Sementara itu, dalam Kisah Para Rasul 3:1-10, Petrus dan Yohanes menyembuhkan seorang lumpuh yang setiap hari duduk di Gerbang Indah. Pria itu meminta uang, tetapi Petrus memberi dia sesuatu yang lebih mulia: penyembuhan dalam nama Yesus Kristus. Peristiwa ini mencerminkan kelanjutan kuasa kebangkitan—kuasa yang menyentuh, membebaskan, dan membangkitkan, tidak hanya secara spiritual tetapi juga secara jasmani dan sosial.

Mazmur 105 memanggil kita untuk mengingat karya-karya besar Allah dalam sejarah umat-Nya. Seruan untuk “menceritakan perbuatan-Nya yang ajaib” mengikat kita pada narasi Allah yang setia, dari generasi ke generasi, dalam janji dan penggenapan. Mazmur ini menjadi pengantar yang pas bagi kedua bacaan lainnya: bahwa Allah yang dahulu bekerja dalam sejarah, kini terus berkarya dalam Gereja melalui Kristus yang bangkit.

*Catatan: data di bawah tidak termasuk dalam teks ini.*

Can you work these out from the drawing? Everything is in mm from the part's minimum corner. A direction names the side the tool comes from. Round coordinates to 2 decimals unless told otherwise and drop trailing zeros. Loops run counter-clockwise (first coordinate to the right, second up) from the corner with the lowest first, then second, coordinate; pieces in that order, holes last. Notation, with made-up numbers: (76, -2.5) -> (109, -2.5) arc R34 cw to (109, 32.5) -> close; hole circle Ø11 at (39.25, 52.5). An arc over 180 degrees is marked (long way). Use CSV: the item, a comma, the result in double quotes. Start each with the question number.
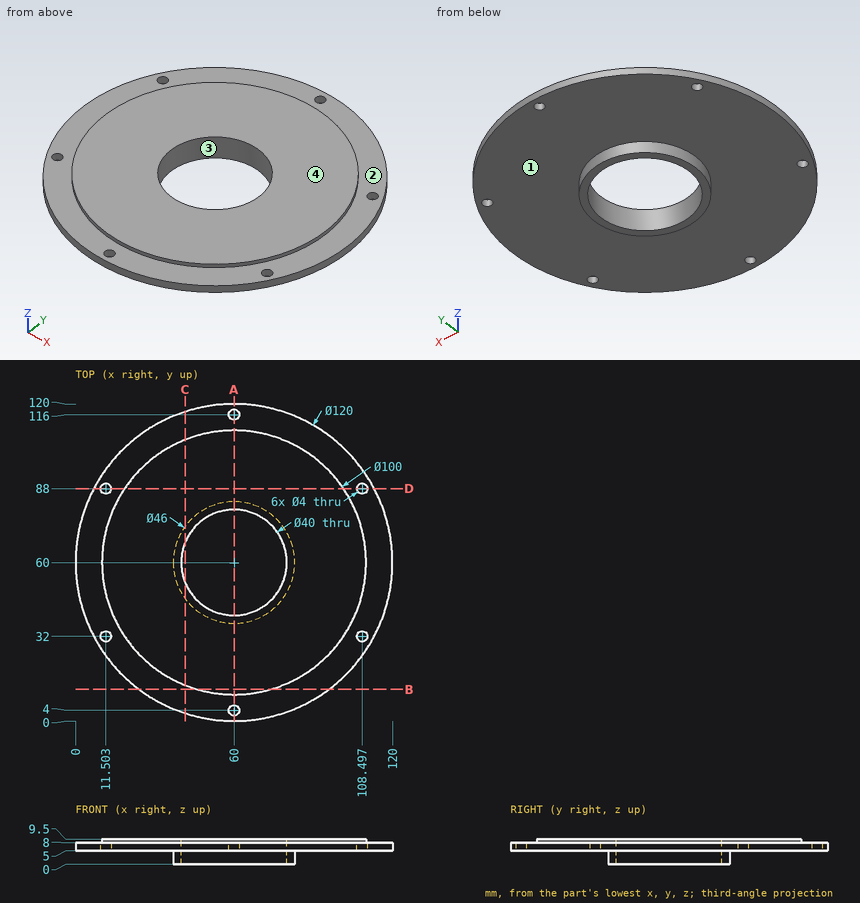
1. Suppose I cut it at B-B (y = 12). List the corners of the cut face in (x, z) for me, then the cut area to 3 significant figures.
2. Suppose I cut it at A-A (x = 60). List the corners of the cut face in (y, z) for me.
3. We'd pull the mould along X, two halves only. Please class the marked faces 3 and 4: pulls with the +X half, pulls with the -X half, needs draft (parallel to the pull), parting line crosses it, or undercut.
4. Suppose I cut it at D-D (y = 88). List the corners of the cut face in (x, z) for me (1 decimal).
5. For the marked faces 1 and 2, which set-ups out of +Z, -Z, +X, -X, +Y, -Y let a thin tool reach every point of the face, with its end or its side?
6. Will these pins go through, and if not, where does the flat tip stop? pin 1 (3 mm diameter, centred on x = 81.5, y = 34, fed in from -Z); pin 2 (4 mm diameter, centred on y = 37, z = 7, fed in from +X) (1 decimal); pin 3 (4 mm diameter, centred on x = 62.5, z = 3.5, fed in from -Y); pin 4 (3.5 mm diameter, centred on x = 108.5, y = 32, fed in from -Z).
7. Suppose I cut it at C-C (x = 41.5). List the corners of the cut face in (y, z) for me (1 decimal).
8. If I drill on L1, parallel to Y at x = 60, z = 7.3; L2, parallel to X at y = 60, z = 3; L3, parallel to X at y = 88, z = 6.35 (1 decimal), over which ranges is the centre line in solid material (lowest first)?
Geometry check:
1,outline,"(24, 5) -> (96, 5) -> (96, 8) -> (74, 8) -> (74, 9.5) -> (46, 9.5) -> (46, 8) -> (24, 8) -> close"
1,area,"258 mm²"
2,outline,"(0, 5) -> (2, 5) -> (2, 8) -> (0, 8) -> close; (6, 5) -> (37, 5) -> (37, 0) -> (40, 0) -> (40, 9.5) -> (10, 9.5) -> (10, 8) -> (6, 8) -> close; (80, 0) -> (83, 0) -> (83, 5) -> (114, 5) -> (114, 8) -> (110, 8) -> (110, 9.5) -> (80, 9.5) -> close; (118, 5) -> (120, 5) -> (120, 8) -> (118, 8) -> close"
3,face 3,"undercut"
3,face 4,"needs draft"
4,outline,"(6.9, 5) -> (9.5, 5) -> (9.5, 8) -> (6.9, 8) -> close; (13.5, 5) -> (106.5, 5) -> (106.5, 8) -> (101.4, 8) -> (101.4, 9.5) -> (18.6, 9.5) -> (18.6, 8) -> (13.5, 8) -> close; (110.5, 5) -> (113.1, 5) -> (113.1, 8) -> (110.5, 8) -> close"
5,face 1,"-Z"
5,face 2,"+Z"
6,pin 1,"stops at z = 5"
6,pin 2,"stops at x = 116.2"
6,pin 3,"stops at y = 0.01"
6,pin 4,"passes through"
7,outline,"(2.9, 5) -> (46.3, 5) -> (46.3, 0) -> (52.4, 0) -> (52.4, 9.5) -> (13.5, 9.5) -> (13.5, 8) -> (2.9, 8) -> close; (67.6, 0) -> (73.7, 0) -> (73.7, 5) -> (117.1, 5) -> (117.1, 8) -> (106.5, 8) -> (106.5, 9.5) -> (67.6, 9.5) -> close"
8,L1,"y = 0 to 2, 6 to 40, 80 to 114, 118 to 120"
8,L2,"x = 37 to 40, 80 to 83"
8,L3,"x = 6.9 to 9.5, 13.5 to 106.5, 110.5 to 113.1"

Ketiga bacaan ini berpadu dalam satu pesan kuat: kebangkitan Kristus bukan sekadar peristiwa masa lalu, melainkan realitas yang hadir, menyembuhkan, dan mengubah hidup. Dalam refleksinya atas narasi Emaus, N.T. Wright (2003) dalam The Resurrection of the Son of God menyebut bahwa perjumpaan dengan Yesus yang bangkit memampukan murid untuk “membaca ulang” sejarah mereka dan membentuk makna baru di tengah kekacauan. Yesus tidak hanya membuka mata mereka, tetapi membuka hati dan pengertian mereka terhadap Kitab Suci.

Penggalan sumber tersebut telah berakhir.